This image shows LIT's user interface. The Datapoint Editor at the top allows users to edit their prompts. At the bottom, the LM Salience module allows them to check saliency results.

Identify errors in complex prompts

Two of the most important prompting techniques for high quality LLM-based prototypes and applications are few-shot prompting (including examples of the desired behavior in the prompt) and chain-of-thought, including a form of explanation or reasoning before the final output of the LLM. However, creating an effective prompt is often still challenging.

Consider an example of helping someone assess if they will like a food based on their tastes. An initial prototype chain-of-thought prompt-template might look like this:

Analyze a menu item in a restaurant.


## For example:


Taste-likes: I've a sweet-tooth
Taste-dislikes: Don't like onions or garlic
Suggestion: Onion soup
Analysis: it has cooked onions in it, which you don't like.
Recommendation: You have to try it.


Taste-likes: I've a sweet-tooth
Taste-dislikes: Don't like onions or garlic
Suggestion: Baguette maison au levain
Analysis: Home-made leaven bread in France is usually great
Recommendation: Likely good.


Taste-likes: I've a sweet-tooth
Taste-dislikes: Don't like onions or garlic
Suggestion: Macaron in France
Analysis: Sweet with many kinds of flavours
Recommendation: You have to try it.


## Now analyse one more example:


Taste-likes: {{users-food-like-preferences}}
Taste-dislikes: {{users-food-dislike-preferences}}
Suggestion: {{menu-item-to-analyse}}
Analysis:

Did you spot any issues with this prompt? LIT will help you examine the prompt with the LM Salience module.

Use sequence salience for debugging

Salience is computed at the smallest possible level (i.e., for each input token), but LIT can aggregate token-saliency into more interpretable larger spans, such as lines, sentences, or words. Learn more about saliency and how to use it to identify unintended biases in our Interactive Saliency Explorable.

Let's start by giving the prompt a new example input for the prompt-template variables:

{{users-food-like-preferences}} = Cheese
{{users-food-dislike-preferences}} = Can't eat eggs
{{menu-item-to-analyse}} = Quiche Lorraine

Once this is done, a surprising model completion can be observed:

Taste-likes: Cheese
Taste-dislikes: Can't eat eggs
Suggestion: Quiche Lorraine
Analysis: A savoury tart with cheese and eggs
Recommendation: You might not like it, but it's worth trying.

Why is the model suggesting you eat something that you clearly said you can't eat?

Sequence salience can help highlight the root problem, which is in our few-shot examples.
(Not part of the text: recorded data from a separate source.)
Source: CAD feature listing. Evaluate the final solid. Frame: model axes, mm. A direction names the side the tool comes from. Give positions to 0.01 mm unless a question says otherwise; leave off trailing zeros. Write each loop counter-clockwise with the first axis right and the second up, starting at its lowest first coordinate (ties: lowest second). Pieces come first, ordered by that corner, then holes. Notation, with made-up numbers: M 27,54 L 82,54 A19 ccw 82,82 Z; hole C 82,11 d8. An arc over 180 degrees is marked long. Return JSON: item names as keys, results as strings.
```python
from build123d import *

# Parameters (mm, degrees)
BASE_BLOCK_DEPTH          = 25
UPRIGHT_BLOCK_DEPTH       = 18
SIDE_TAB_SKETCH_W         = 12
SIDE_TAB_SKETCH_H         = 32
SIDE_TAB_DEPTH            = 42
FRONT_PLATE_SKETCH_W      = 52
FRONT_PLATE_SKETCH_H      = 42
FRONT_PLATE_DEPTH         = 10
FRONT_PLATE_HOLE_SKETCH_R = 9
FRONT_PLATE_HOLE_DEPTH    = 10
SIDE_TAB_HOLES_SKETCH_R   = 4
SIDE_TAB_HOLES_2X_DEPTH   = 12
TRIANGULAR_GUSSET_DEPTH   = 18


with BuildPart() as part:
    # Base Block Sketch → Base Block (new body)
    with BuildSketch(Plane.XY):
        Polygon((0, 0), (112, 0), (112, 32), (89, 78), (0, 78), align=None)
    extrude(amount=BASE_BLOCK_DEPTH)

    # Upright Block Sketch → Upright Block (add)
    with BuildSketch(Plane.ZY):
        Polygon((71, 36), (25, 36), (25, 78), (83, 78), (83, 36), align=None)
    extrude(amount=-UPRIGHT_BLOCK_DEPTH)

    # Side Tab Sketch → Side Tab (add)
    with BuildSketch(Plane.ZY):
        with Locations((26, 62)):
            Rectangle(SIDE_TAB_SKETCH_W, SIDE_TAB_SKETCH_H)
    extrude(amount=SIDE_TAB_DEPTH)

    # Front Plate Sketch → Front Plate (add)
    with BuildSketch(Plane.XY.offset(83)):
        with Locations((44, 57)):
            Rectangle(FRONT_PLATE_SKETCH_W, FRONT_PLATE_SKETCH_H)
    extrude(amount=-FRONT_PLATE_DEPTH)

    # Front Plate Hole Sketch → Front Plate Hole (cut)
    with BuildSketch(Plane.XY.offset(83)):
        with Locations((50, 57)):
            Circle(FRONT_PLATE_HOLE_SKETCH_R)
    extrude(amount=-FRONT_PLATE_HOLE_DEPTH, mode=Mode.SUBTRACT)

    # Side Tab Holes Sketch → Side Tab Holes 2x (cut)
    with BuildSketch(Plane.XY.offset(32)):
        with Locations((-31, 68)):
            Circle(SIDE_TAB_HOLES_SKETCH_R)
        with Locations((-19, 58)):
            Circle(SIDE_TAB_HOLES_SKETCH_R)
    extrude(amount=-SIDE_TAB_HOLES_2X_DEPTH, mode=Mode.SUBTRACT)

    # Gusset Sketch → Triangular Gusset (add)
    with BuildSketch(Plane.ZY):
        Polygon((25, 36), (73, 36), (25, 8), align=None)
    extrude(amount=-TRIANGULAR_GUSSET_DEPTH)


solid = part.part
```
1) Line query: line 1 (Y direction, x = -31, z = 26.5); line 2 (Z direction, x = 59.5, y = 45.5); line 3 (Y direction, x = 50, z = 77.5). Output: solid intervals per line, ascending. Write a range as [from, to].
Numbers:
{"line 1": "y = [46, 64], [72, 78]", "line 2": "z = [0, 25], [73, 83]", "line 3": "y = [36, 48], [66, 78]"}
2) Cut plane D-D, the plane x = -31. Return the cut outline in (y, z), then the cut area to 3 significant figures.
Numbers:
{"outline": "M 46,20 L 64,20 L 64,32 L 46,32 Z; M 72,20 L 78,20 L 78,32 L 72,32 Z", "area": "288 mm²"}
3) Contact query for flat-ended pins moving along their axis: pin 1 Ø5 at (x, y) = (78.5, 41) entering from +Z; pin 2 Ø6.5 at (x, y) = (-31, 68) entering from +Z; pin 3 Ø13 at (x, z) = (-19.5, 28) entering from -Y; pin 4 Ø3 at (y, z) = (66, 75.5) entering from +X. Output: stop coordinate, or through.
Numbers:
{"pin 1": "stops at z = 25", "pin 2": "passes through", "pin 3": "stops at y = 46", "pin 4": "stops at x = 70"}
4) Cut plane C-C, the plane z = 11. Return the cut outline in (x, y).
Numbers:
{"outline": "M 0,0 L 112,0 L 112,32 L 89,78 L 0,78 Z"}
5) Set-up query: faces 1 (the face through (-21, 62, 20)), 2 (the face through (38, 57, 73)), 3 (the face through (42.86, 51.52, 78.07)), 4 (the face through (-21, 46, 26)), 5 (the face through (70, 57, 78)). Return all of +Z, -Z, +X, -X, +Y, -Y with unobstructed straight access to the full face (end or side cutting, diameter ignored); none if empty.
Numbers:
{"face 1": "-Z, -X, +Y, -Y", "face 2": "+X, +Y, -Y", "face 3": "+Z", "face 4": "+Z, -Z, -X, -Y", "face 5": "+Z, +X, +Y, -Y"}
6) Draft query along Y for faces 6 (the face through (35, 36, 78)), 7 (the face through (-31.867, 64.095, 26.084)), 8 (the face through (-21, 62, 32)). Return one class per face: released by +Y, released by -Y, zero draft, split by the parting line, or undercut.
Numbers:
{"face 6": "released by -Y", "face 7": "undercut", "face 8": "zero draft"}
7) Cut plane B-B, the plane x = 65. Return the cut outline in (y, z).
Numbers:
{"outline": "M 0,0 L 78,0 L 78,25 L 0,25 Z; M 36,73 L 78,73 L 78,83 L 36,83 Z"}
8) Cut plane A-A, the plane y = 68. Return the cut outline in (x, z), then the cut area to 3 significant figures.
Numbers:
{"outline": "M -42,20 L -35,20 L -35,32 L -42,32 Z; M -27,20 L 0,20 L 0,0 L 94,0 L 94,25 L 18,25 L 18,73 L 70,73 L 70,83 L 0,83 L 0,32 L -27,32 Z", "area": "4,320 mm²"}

In the first example, the chain-of-thought reasoning in the analysis section doesn't match the final recommendation. An analysis of "It has cooked onions in it, which you don't like" is paired with a recommendation of "You have to try it".
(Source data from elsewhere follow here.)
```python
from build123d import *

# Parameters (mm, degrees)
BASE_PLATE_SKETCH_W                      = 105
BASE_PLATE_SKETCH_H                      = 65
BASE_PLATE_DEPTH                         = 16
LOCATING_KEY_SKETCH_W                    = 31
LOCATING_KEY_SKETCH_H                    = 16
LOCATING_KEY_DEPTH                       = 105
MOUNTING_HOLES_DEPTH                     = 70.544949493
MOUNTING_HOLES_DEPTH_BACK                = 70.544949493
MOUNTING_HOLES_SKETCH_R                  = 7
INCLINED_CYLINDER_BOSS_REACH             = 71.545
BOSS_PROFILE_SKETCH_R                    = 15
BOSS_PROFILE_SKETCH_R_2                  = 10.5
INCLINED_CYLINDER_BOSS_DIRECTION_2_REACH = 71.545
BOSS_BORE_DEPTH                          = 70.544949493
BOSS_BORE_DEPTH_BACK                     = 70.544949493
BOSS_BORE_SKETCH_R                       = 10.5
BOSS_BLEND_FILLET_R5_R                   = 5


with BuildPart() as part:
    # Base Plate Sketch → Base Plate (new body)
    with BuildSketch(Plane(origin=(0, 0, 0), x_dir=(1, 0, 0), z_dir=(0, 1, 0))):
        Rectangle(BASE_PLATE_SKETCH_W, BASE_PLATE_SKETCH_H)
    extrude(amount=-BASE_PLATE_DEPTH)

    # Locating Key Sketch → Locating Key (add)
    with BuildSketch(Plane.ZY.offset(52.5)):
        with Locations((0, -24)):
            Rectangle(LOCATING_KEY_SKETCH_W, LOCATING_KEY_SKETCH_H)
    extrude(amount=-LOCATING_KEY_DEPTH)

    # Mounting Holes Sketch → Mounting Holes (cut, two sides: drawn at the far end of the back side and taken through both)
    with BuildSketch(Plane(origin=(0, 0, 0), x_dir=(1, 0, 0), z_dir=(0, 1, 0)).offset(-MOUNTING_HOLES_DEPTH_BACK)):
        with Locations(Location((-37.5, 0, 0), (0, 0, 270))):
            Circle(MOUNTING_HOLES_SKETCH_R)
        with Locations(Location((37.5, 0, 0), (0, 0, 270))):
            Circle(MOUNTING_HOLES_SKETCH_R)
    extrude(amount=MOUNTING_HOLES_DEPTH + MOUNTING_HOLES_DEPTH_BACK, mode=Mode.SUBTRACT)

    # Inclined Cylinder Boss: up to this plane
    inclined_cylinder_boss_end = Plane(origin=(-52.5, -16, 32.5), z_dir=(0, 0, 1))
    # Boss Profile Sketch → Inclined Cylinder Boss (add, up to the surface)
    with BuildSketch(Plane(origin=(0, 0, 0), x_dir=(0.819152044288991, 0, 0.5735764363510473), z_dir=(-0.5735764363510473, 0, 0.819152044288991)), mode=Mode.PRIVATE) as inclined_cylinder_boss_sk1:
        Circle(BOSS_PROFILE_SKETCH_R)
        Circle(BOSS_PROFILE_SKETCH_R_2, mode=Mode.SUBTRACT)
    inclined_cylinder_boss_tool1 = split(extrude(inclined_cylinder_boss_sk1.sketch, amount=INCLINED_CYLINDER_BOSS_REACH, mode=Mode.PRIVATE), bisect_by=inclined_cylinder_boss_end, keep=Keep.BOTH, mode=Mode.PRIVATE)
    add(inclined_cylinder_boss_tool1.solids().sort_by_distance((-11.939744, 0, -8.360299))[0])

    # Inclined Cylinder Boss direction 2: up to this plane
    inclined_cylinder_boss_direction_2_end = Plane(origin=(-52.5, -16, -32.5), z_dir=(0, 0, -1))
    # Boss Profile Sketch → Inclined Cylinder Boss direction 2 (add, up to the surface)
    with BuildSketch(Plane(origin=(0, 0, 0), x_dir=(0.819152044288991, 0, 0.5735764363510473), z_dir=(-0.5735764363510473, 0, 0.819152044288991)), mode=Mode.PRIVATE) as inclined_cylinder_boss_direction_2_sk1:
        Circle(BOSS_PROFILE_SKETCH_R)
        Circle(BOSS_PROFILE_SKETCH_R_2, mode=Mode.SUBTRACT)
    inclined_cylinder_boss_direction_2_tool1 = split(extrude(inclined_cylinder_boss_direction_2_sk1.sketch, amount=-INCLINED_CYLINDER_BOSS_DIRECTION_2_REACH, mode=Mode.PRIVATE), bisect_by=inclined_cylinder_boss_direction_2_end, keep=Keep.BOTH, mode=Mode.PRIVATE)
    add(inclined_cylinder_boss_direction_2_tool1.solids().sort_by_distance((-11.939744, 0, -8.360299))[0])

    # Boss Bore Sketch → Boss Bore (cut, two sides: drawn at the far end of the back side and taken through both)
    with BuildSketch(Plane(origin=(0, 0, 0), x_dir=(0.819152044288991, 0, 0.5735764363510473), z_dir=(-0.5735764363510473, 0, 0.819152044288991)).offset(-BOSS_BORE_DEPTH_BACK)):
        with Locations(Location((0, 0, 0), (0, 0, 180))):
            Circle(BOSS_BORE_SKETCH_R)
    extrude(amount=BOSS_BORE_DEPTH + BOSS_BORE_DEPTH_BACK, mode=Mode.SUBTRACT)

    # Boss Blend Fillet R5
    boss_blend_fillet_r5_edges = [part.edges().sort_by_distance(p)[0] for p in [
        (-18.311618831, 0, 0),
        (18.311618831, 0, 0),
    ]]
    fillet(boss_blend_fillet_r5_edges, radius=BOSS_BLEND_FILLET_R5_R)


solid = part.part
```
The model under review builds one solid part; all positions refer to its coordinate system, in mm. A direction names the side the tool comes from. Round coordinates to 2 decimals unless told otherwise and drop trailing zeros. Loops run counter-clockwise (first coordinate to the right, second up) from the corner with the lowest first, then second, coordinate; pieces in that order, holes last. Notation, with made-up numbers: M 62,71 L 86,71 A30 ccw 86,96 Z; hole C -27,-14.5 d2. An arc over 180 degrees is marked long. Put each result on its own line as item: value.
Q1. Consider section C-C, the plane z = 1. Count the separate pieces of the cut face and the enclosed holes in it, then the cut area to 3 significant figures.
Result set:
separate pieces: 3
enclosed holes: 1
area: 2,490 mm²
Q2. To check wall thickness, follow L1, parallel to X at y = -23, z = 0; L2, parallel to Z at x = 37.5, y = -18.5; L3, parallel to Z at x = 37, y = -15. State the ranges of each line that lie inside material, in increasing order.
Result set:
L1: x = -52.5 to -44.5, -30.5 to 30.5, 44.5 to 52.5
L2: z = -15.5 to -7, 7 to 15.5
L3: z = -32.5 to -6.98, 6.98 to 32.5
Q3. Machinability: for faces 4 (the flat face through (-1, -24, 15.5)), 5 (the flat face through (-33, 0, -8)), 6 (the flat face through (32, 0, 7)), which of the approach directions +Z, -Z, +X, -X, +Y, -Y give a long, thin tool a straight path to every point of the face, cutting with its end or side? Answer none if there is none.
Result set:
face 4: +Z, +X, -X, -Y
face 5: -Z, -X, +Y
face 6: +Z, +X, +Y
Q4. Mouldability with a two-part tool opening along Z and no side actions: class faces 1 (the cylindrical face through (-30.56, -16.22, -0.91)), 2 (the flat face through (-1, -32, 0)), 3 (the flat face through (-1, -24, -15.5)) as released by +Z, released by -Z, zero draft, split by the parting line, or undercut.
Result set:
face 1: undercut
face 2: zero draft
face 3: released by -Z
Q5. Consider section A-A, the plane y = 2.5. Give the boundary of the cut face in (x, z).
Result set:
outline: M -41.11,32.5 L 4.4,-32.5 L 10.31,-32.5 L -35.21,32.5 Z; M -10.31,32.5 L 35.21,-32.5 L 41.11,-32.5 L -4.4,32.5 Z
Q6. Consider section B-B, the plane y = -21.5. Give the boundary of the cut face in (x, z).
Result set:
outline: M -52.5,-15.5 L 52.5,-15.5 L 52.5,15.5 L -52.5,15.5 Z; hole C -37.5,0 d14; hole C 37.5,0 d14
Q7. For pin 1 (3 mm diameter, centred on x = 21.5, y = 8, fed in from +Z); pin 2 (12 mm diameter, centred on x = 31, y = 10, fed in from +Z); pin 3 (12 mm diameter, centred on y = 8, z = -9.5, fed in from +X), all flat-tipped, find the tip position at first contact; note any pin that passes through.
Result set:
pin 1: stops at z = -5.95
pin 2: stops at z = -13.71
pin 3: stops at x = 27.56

LIT user interface showing prompt sequence saliency analysis

This highlights an error in the initial prompt: there was an accidental copy of the recommendation (You have to try it!) for the first few-shot example. You can see the saliency-strength in the prompt from the darkness of the purple highlight. The highest saliency is on the first few-shot example, and specifically on the lines corresponding to Taste-likes, Analysis, and Recommendation. This suggests that the model is using these lines most to make its final incorrect recommendation.

This example also highlights that early prototyping can reveal risks you might not think of ahead of time, and the error-prone nature of language models means that you have to proactively design for errors. This is discussed further in our People + AI Guidebook for designing with AI.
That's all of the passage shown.